Sayaka Shoji has paired solo violin sonatas and partitas by Johann Sebastian Bach with counterparts of a sort among the eight preludes and fugues for solo violin by Max Reger. The first pairing begins with Reger’s Prelude and Fugue in G Minor, op. 117/2, which bears a resemblance to Bach’s First Solo Sonata. Shoji reveals a great deal of the intelligence and wit that illuminates Reger’s conception: occasional chromatic lines in the prelude and a fugue that sounds related to Bach’s but with enhancements that lend the work the suggestion of pastiche. Shoji makes these allusions almost playfully, though with a formidable technical command and tonal opulence on the 1729 Récamier Stradivari (can this be the 1727 Récamier Stradivari played by Mischa Elman?).
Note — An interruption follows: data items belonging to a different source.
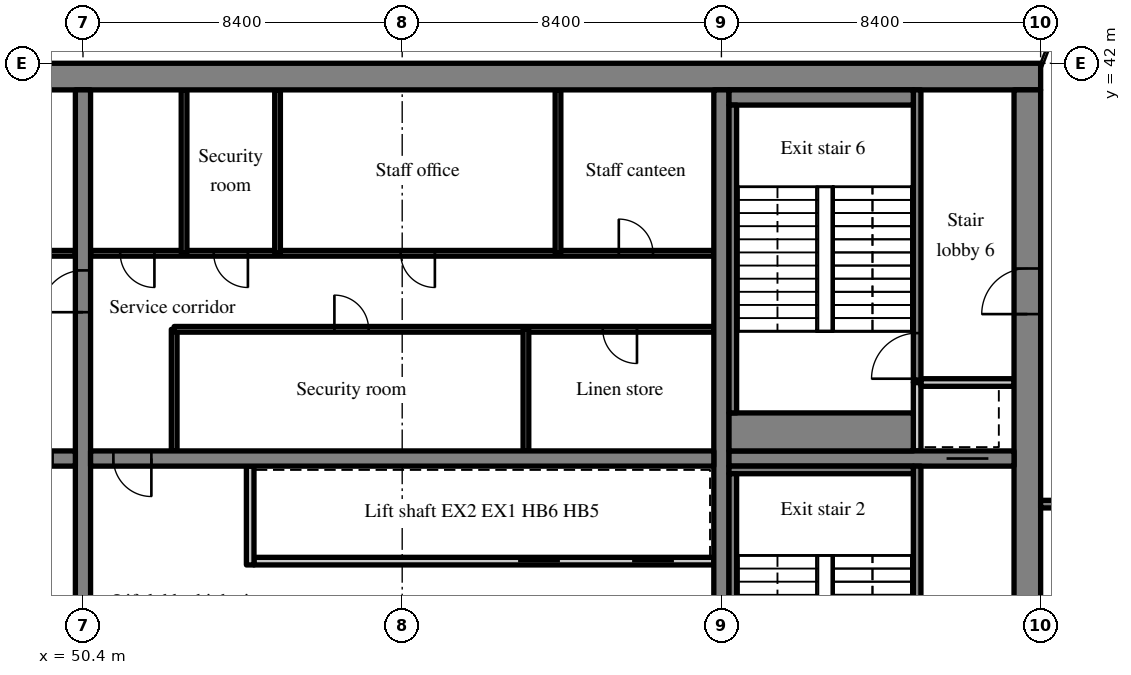
"""IFC4 building model, lengths in metres.
Left out: names, types, materials, properties, quantities, classifications, styles, units other than length and angle.
Written with IfcOpenShell. Run it as: python <this file> out.ifc"""

import sys

from ifc_helpers import new_model, si_unit, direction, frame, frame_2d, origin, place, context, subcontext, project, spatial, rectangle, extrude, source, transform, mapped, element, fill, save


model = new_model("IFC4")
c1 = context("Model", 3, precision=1e-05, world=origin(), true_north=direction((0.0, 1.0)))
c2 = subcontext(c1, "Body", "Model", "MODEL_VIEW")
j1 = project(units=[si_unit("LENGTHUNIT", "METRE"), si_unit("PLANEANGLEUNIT", "RADIAN")], contexts=[c1])
p1 = place(None, origin())
s1 = spatial("IfcSite", under=j1, at=p1, CompositionType="ELEMENT")
p2 = place(p1, origin())
s2 = spatial("IfcBuilding", under=s1, at=p2, CompositionType="ELEMENT")
p3 = place(p2, frame((0.0, 0.0, 185.8)))
s3 = spatial("IfcBuildingStorey", under=s2, at=p3, CompositionType="ELEMENT", Elevation=185.8)
m1 = source(origin(), c2, "Body", "SweptSolid", [
    extrude(rectangle(XDim=50.4, YDim=0.7, at=frame_2d((25.2, 0.0))), origin(), (0.0, 0.0, 1.0), 3.52),
])
p4 = place(p3, frame((25.2, 41.65, 0.0), z_axis=(0.0, 0.0, 1.0), x_axis=(1.0, 0.0, 0.0)))
e1 = element("IfcWall", 1, at=p4, inside=s3, PredefinedType="SHEAR", context=c2, shape_type="MappedRepresentation", body=[
    mapped(m1, transform((0.0, 0.0, 0.0), scale=1.0)),
])
m2 = source(origin(), c2, "Body", "SweptSolid", [
    extrude(rectangle(XDim=18.6, YDim=0.7, at=frame_2d((9.3, 0.0))), origin(), (0.0, 0.0, 1.0), 3.52),
])
p5 = place(p3, frame((75.25, 22.7, 0.0), z_axis=(0.0, 0.0, 1.0), x_axis=(0.0, 1.0, 0.0)))
e2 = element("IfcWall", 2, at=p5, inside=s3, PredefinedType="SHEAR", context=c2, shape_type="MappedRepresentation", body=[
    mapped(m2, transform((0.0, 0.0, 0.0), scale=1.0)),
])
m3 = source(origin(), c2, "Body", "SweptSolid", [
    extrude(rectangle(XDim=1.0, YDim=2.1, at=frame_2d((0.5, 1.05))), frame((0.0, 0.36, 0.0), z_axis=(0.0, -1.0, 0.0), x_axis=(1.0, 0.0, 0.0)), (0.0, 0.0, 1.0), 0.72),
])
p6 = place(p5, frame((2.8, 0.0, 0.0)))
e3 = element("IfcOpeningElement", 3, at=p6, cuts=e2, PredefinedType="OPENING", context=c2, shape_type="MappedRepresentation", body=[
    mapped(m3, transform((0.0, 0.0, 0.0), scale=1.0)),
])
m4 = source(origin(), c2, "Body", "SweptSolid", [
    extrude(rectangle(XDim=1.2, YDim=2.1, at=frame_2d((0.6, 1.05))), frame((0.0, 0.36, 0.0), z_axis=(0.0, -1.0, 0.0), x_axis=(1.0, 0.0, 0.0)), (0.0, 0.0, 1.0), 0.72),
])
p7 = place(p5, frame((12.7, 0.0, 0.0)))
e4 = element("IfcOpeningElement", 4, at=p7, cuts=e2, PredefinedType="OPENING", context=c2, shape_type="MappedRepresentation", body=[
    mapped(m4, transform((0.0, 0.0, 0.0), scale=1.0)),
])
m5 = source(origin(), c2, "Body", "SweptSolid", [
    extrude(rectangle(XDim=18.6, YDim=0.4, at=frame_2d((9.3, 0.0))), origin(), (0.0, 0.0, 1.0), 3.52),
])
p8 = place(p3, frame((50.4, 22.7, 0.0), z_axis=(0.0, 0.0, 1.0), x_axis=(0.0, 1.0, 0.0)))
e5 = element("IfcWall", 5, at=p8, inside=s3, PredefinedType="SHEAR", context=c2, shape_type="MappedRepresentation", body=[
    mapped(m5, transform((0.0, 0.0, 0.0), scale=1.0)),
])
m6 = source(origin(), c2, "Body", "SweptSolid", [
    extrude(rectangle(XDim=1.1, YDim=2.1, at=frame_2d((0.55, 1.05))), frame((0.0, 0.21, 0.0), z_axis=(0.0, -1.0, 0.0), x_axis=(1.0, 0.0, 0.0)), (0.0, 0.0, 1.0), 0.42),
])
p9 = place(p8, frame((12.75, 0.0, 0.0)))
e6 = element("IfcOpeningElement", 6, at=p9, cuts=e5, PredefinedType="OPENING", context=c2, shape_type="MappedRepresentation", body=[
    mapped(m6, transform((0.0, 0.0, 0.0), scale=1.0)),
])
p10 = place(p3, frame((67.2, 22.7, 0.0), z_axis=(0.0, 0.0, 1.0), x_axis=(0.0, 1.0, 0.0)))
e7 = element("IfcWall", 7, at=p10, inside=s3, PredefinedType="SHEAR", context=c2, shape_type="MappedRepresentation", body=[
    mapped(m5, transform((0.0, 0.0, 0.0), scale=1.0)),
])
m7 = source(origin(), c2, "Body", "SweptSolid", [
    extrude(rectangle(XDim=16.4, YDim=0.4, at=frame_2d((8.2, 0.0))), origin(), (0.0, 0.0, 1.0), 3.52),
])
p11 = place(p3, frame((33.8, 31.6, 0.0), z_axis=(0.0, 0.0, 1.0), x_axis=(1.0, 0.0, 0.0)))
e8 = element("IfcWall", 8, at=p11, inside=s3, PredefinedType="SHEAR", context=c2, shape_type="MappedRepresentation", body=[
    mapped(m7, transform((0.0, 0.0, 0.0), scale=1.0)),
])
m8 = source(origin(), c2, "Body", "SweptSolid", [
    extrude(rectangle(XDim=1.0, YDim=2.1, at=frame_2d((0.5, 1.05))), frame((0.0, 0.21, 0.0), z_axis=(0.0, -1.0, 0.0), x_axis=(1.0, 0.0, 0.0)), (0.0, 0.0, 1.0), 0.42),
])
p12 = place(p11, frame((14.8, 0.0, 0.0)))
e9 = element("IfcOpeningElement", 9, at=p12, cuts=e8, PredefinedType="OPENING", context=c2, shape_type="MappedRepresentation", body=[
    mapped(m8, transform((0.0, 0.0, 0.0), scale=1.0)),
])
p13 = place(p3, frame((50.6, 31.6, 0.0), z_axis=(0.0, 0.0, 1.0), x_axis=(1.0, 0.0, 0.0)))
e10 = element("IfcWall", 10, at=p13, inside=s3, PredefinedType="SHEAR", context=c2, shape_type="MappedRepresentation", body=[
    mapped(m7, transform((0.0, 0.0, 0.0), scale=1.0)),
])
p14 = place(p13, frame((0.6, 0.0, 0.0)))
e11 = element("IfcOpeningElement", 11, at=p14, cuts=e10, PredefinedType="OPENING", context=c2, shape_type="MappedRepresentation", body=[
    mapped(m8, transform((0.0, 0.0, 0.0), scale=1.0)),
])
m9 = source(origin(), c2, "Body", "SweptSolid", [
    extrude(rectangle(XDim=7.5, YDim=0.4, at=frame_2d((3.75, 0.0))), origin(), (0.0, 0.0, 1.0), 3.52),
])
p15 = place(p3, frame((67.4, 31.6, 0.0), z_axis=(0.0, 0.0, 1.0), x_axis=(1.0, 0.0, 0.0)))
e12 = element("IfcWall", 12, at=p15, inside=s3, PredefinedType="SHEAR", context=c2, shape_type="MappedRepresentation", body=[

Her personality changes for a heavier and darker reading of Bach’s First Solo Sonata, also in G Minor; the first movement appears in her version more a rhapsody, which may be the way it’s intended, but her reading of the Fuga, though nuanced and allusive, hardly suggests the subtlety and high spirits she demonstrated in Reger’s work. The Siciliano similarly may sound fussy (at least at first) to many listeners weaned on more straightforward readings by older violinists, although she gives the impression of sustaining the pedal-like notes. In the finale she strikes a balance between playing the rhythm straightforwardly and constantly shifting the meters with kaleidoscopic unpredictability.